Distrobox SELinux OCI permission error

Help
1

Distrobox stopped working a few days ago (worked on 2025-05-27) and I think it’s due to an issue with Podman. Running podman with a specific command yields the same problem:

# with distrobox: Error: unable to start container "...": crun: mkdir `/sys/fs/selinux`: Permission denied: OCI permission denied
Error: crun: mkdir `/sys/fs/selinux`: Permission denied: OCI permission denied

A simplified command which has the same effect:

podman run --rm -v /sys/fs/selinux --entrypoint /bin/bash -it debian:latest
2 Likes
2

Possibly due to podman running as rootless?

Podman can run rootless containers and be a drop-in replacement for Docker.
Podman - NixOS Wiki

3

Yes it always ran as rootless, but I don’t see how it could become an issue now since it worked before.

2 Likes
4

Same issue. I’m using unstable channel.

1 Like
5

The issue does not appear for new containers created with Distrobox because it does not try to mount the volume /sys/fs/selinux since the folder on the host does not exist (??? I don’t get it). By the way, I’m on stable channel.

1 Like
6

I just booted into the older generation where the problem is not present, and I can confirm that the folder /sys/fs/selinux exists, so the problem is that in newer generations for some reason it disappeared, even though I did not touch any SELinux settings (never used it).
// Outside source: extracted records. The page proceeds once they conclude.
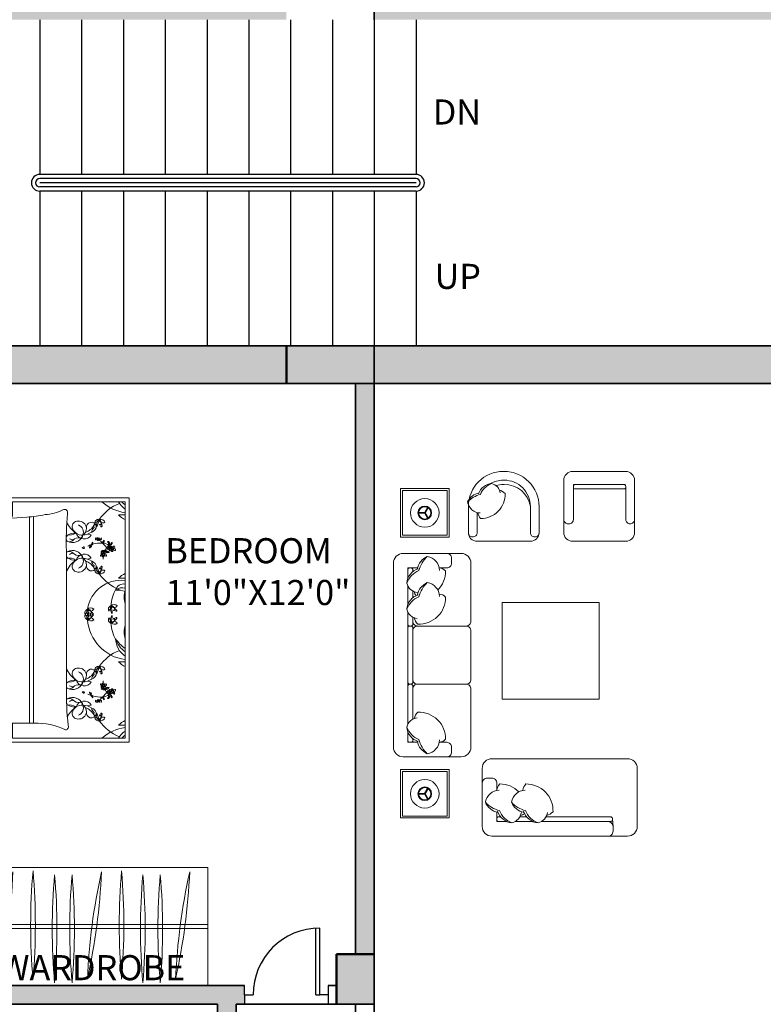
# Model space of a CAD drawing. Units: inches. Extents: x -28 to 485, y -861 to 54.
# Tile 3 of 14: x 76 to 254, y -600 to -365. Entities that reach past the tile are written whole.
import ezdxf

# ---------------------------------------------------------------- set-up
doc = ezdxf.new("R2010")
doc.units = ezdxf.units.IN
doc.header["$MEASUREMENT"] = 0
for name, color, linetype, lineweight in [('A-ANNO-TEXT', 7, 'Continuous', 18), ('A-AREA-IDEN', 7, 'Continuous', 18), ('A-COLS', 7, 'Continuous', 50), ('A-COLS-PATT', 8, 'Continuous', 13), ('A-DOOR', 3, 'Continuous', 25), ('A-FLOR-CASE', 8, 'Continuous', 18), ('A-FLOR-STRS', 7, 'Continuous', 25), ('A-FURN', 8, 'Continuous', 13), ('A-WALL', 7, 'Continuous', 35), ('A-WALL-PATT', 34, 'Continuous', 13)]:
    doc.layers.add(name, color=color, linetype=linetype, lineweight=lineweight)
doc.styles.get("Standard").update_dxf_attribs({"font": 'arial.ttf'})

# ---------------------------------------------------------------- blocks, each defined once
blk = doc.blocks.new('DAY BED1')
at = {"color": 0}
blk.add_line((0.3, 0.25), (0.225, 0.255), dxfattribs=at)
blk.add_lwpolyline([(-0.3, 0, -0.414214), (-0.4, 0.1), (-0.4, 0.1, 0.317837), (-0.4, 0.1, -0.414214), (-0.4, 0.1), (-0.4, 0.1, 1.186185), (-0.4, 0.1, -0.414214), (-0.4, 0.1), (-0.4, 1.5, -0.414214), (-0.3, 1.6), (0.3, 1.6, -0.414214), (0.4, 1.5), (0.4, 0.1, -0.414214), (0.3, 0)], format="xyb", close=True, dxfattribs=at)
for points in [[(-0.073, 1.45), (-0.15, 1.45, -0.414214), (-0.2, 1.5), (-0.2, 1.55, -0.414214), (-0.15, 1.6)], [(-0.076, 1.425, -0.356772), (0.05, 1.568, -0.249542), (0.154, 1.438, 9.61688)], [(0.05, 1.568, -0.14773), (0.136, 1.422, -0.213343), (0.262, 1.293, -0.178662)], [(-0.073, 1.45, 0.165541), (-0.139, 1.419, 0.200231), (-0.058, 1.221, 0.121523)], [(0.143, 1.442, -0.306663), (0.262, 1.293, -0.30633), (0.154, 1.196, 0.872847)], [(0.25, 1.345), (0.25, 1.45), (0.152, 1.45, -0.414214)], [(0.2, 1.412), (0.2, 1.43, -0.414214), (0.22, 1.45), (0.23, 1.45, -0.414214), (0.25, 1.43)], [(0.25, 1.43), (0.25, 1.345, -0.414214)], [(-0.076, 1.156, -0.356772), (0.05, 1.299, -0.249542), (0.154, 1.169, 9.61688)], [(0.05, 1.299, -0.14773), (0.136, 1.153, -0.213343), (0.262, 1.024, -0.178662)], [(0.25, 1.262), (0.25, 1.075, -0.414214)], [(-0.073, 1.181, 0.165541), (-0.139, 1.15, 0.425989), (0.148, 0.869, 0.121523), (0.187, 0.936, -7.115464)], [(0.143, 1.173, -0.306663), (0.262, 1.024, -0.30633), (0.154, 0.926, 0.872847)], [(0.168, 1.163, 0.071865), (0.187, 1.205, -7.115464)], [(0.2, 1.142), (0.2, 1.211, -0.414214)], [(0.25, 0.992), (0.25, 0.275, -0.414214), (0.23, 0.255), (0.22, 0.255, -0.414214), (0.2, 0.275), (0.2, 0.942, -0.414214)], [(0.25, 0.377), (0.25, 0.3, 0.414214), (0.3, 0.25), (0.35, 0.25, 0.414214), (0.4, 0.3)]]:
    blk.add_lwpolyline(points, format="xyb", dxfattribs=at)
for points in [[(0.25, 1.075), (0.25, 1.262)], [(0.25, 0.377), (0.25, 0.992)]]:
    blk.add_lwpolyline(points, dxfattribs=at)
blk = doc.blocks.new('BED-DOUBLE-WITH-NIGHTSTANDS')
for p, q in [((0, 0), (0, 80.08)), ((6.67, 66.84), (6.67, 77.31)), ((11.91, 72.08), (1.44, 72.08)), ((39.26, 64.51), (39.26, 68.96)), ((39.26, 68.96), (68.11, 68.96)), ((68.11, 68.96), (68.11, 10.57)), ((40.19, 68.03), (40.19, 64.5)), ((67.18, 68.03), (40.19, 68.03)), ((67.18, 11.5), (67.18, 68.03)), ((1.03, 64.07), (1.03, 16.02)), ((12.66, 16.02), (12.66, 64.07)), ((15.98, 63.85), (16.38, 35.34)), ((16.8, 63.82), (17.22, 34.74)), ((19.33, 63.78), (19.45, 33.37)), ((20.15, 63.78), (20.27, 33.06)), ((44.25, 64.43), (44.25, 15.09)), ((45.25, 64.51), (45.25, 15.09)), ((59.06, 60.14), (58.15, 60.31)), ((53.12, 56.3), (53.12, 23.78)), ((59.06, 54.54), (58.15, 54.36)), ((12.66, 38.02), (18.76, 33.63)), ((15.04, 27.14), (12.66, 35.87)), ((18.76, 33.63), (23.47, 31.84)), ((23.47, 31.84), (25.57, 31.52)), ((25.57, 31.52), (24.92, 28.93)), ((24.92, 28.93), (23.95, 26.82)), ((17.14, 21.3), (15.04, 27.14)), ((23.95, 26.82), (23.47, 23.25)), ((59.06, 24.99), (58.15, 25.16)), ((19.41, 18.22), (17.14, 21.3)), ((23.47, 23.25), (23.14, 19.19)), ((23.14, 19.19), (23.47, 15.95)), ((59.06, 19.39), (58.15, 19.21)), ((22.82, 15.3), (19.41, 18.22)), ((0, 16.02), (21.98, 16.02)), ((23.47, 15.95), (22.82, 15.3)), ((39.26, 10.57), (39.26, 15.1)), ((40.19, 15.1), (40.19, 11.5)), ((6.67, 13.24), (6.67, 2.78)), ((68.11, 10.57), (39.26, 10.57)), ((40.19, 11.5), (67.18, 11.5)), ((11.91, 8.01), (1.44, 8.01))]:
    blk.add_line(p, q)
for points in [[(0, 64.07), (13.35, 64.07), (13.35, 80.08), (0, 80.08)], [(6.67, 72.08), (5.06, 71.14)], [(6.67, 72.08), (8.29, 71.14)], [(13.35, 16.02), (13.35, 0), (0, 0)], [(6.67, 8.01), (5.06, 8.94)], [(6.67, 8.01), (8.29, 8.94)]]:
    blk.add_lwpolyline(points)
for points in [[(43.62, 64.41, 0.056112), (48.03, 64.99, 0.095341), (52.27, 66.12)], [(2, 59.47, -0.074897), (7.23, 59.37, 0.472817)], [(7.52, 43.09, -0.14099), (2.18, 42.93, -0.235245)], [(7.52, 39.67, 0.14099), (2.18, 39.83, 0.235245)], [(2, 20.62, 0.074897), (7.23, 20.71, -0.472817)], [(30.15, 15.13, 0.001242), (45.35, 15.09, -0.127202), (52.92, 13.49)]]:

The only solution I can think of is recreating the container without this folder, so Distrobox does not try to mount that volume. I also tried --security-opt unmask=ALL but it did not work.

7

I recreated container and it fixed. Thank you.

9

same issue with distrobox and docker

bisected it to this nixos/security: add landlock, yama, and bpf defaults by RossComputerGuy · Pull Request #407748 · NixOS/nixpkgs · GitHub maybe @RossComputerGuy can help

1 Like
10

Yeah so there’s a few solutions:

  1. The WIP NixOS module for SELinux and enabling it
  2. Throwing in selinux to security.lsm
  3. Disable SELinux in Distrobox

I don’t recommend the first one due to it being very WIP and shouldn’t be used yet. The other two are the best possible. Though I recommend disabling SELinux in Distrobox because we don’t support SELinux without the SELinux NixOS module that isn’t ready yet.

2 Likes
11

How can I disable SELinux in distrobox?

1 Like
12

I’m not sure, I’m not familiar with Distrobox.

13

I set security.lsm = lib.mkForce [ ]; to restore the previous default value.

Also this should be fixed in nixpkgs, not in individual users’ configurations for those who happen to come across this thread.

created an issue in nixpkgs issue tracker distrobox: issue with selinux · Issue #414135 · NixOS/nixpkgs · GitHub linking to this post

3 Likes
14

I don’t think you can. When you first create the container with distrobox, it checks whether the folder /sys/fs/selinux exists and if it does it adds the volume /sys/fs/selinux. As far as I know you can’t change existing containers’ volumes, so you are forced to create it from scratch. Since the folder does not exist anymore, distrobox will not try to mount that volume on new containers. That’s what I’ve personally done but you could try the other solutions proposed here.

15

Yes it does, but maybe it’s something to consider for distrobox to change. See the discrepancy between the distrobox workaround and the coretoolbox/toolbx workaround for the same podman bug:

Maybe they are all functionally equivalent though, I am not very informed on container runtime internals… I think it makes sense to ask upstream to make it --tmpfs /sys/fs/selinux or similar.

16

I can confirm the supplied workaround has allowed me back into my existing distroboxes. Thank you! Required full system restart to work.

{ config, pkgs, lib, ... }:
{
  # ...
  security.lsm = lib.mkForce [ ];
  # ...
}
3 Likes
17

This also worked for me

18

Thank you so much! This line is the exact line I need to make distrobox works again. I almost thought I needed to recreate the containers from scratch. Thanks again!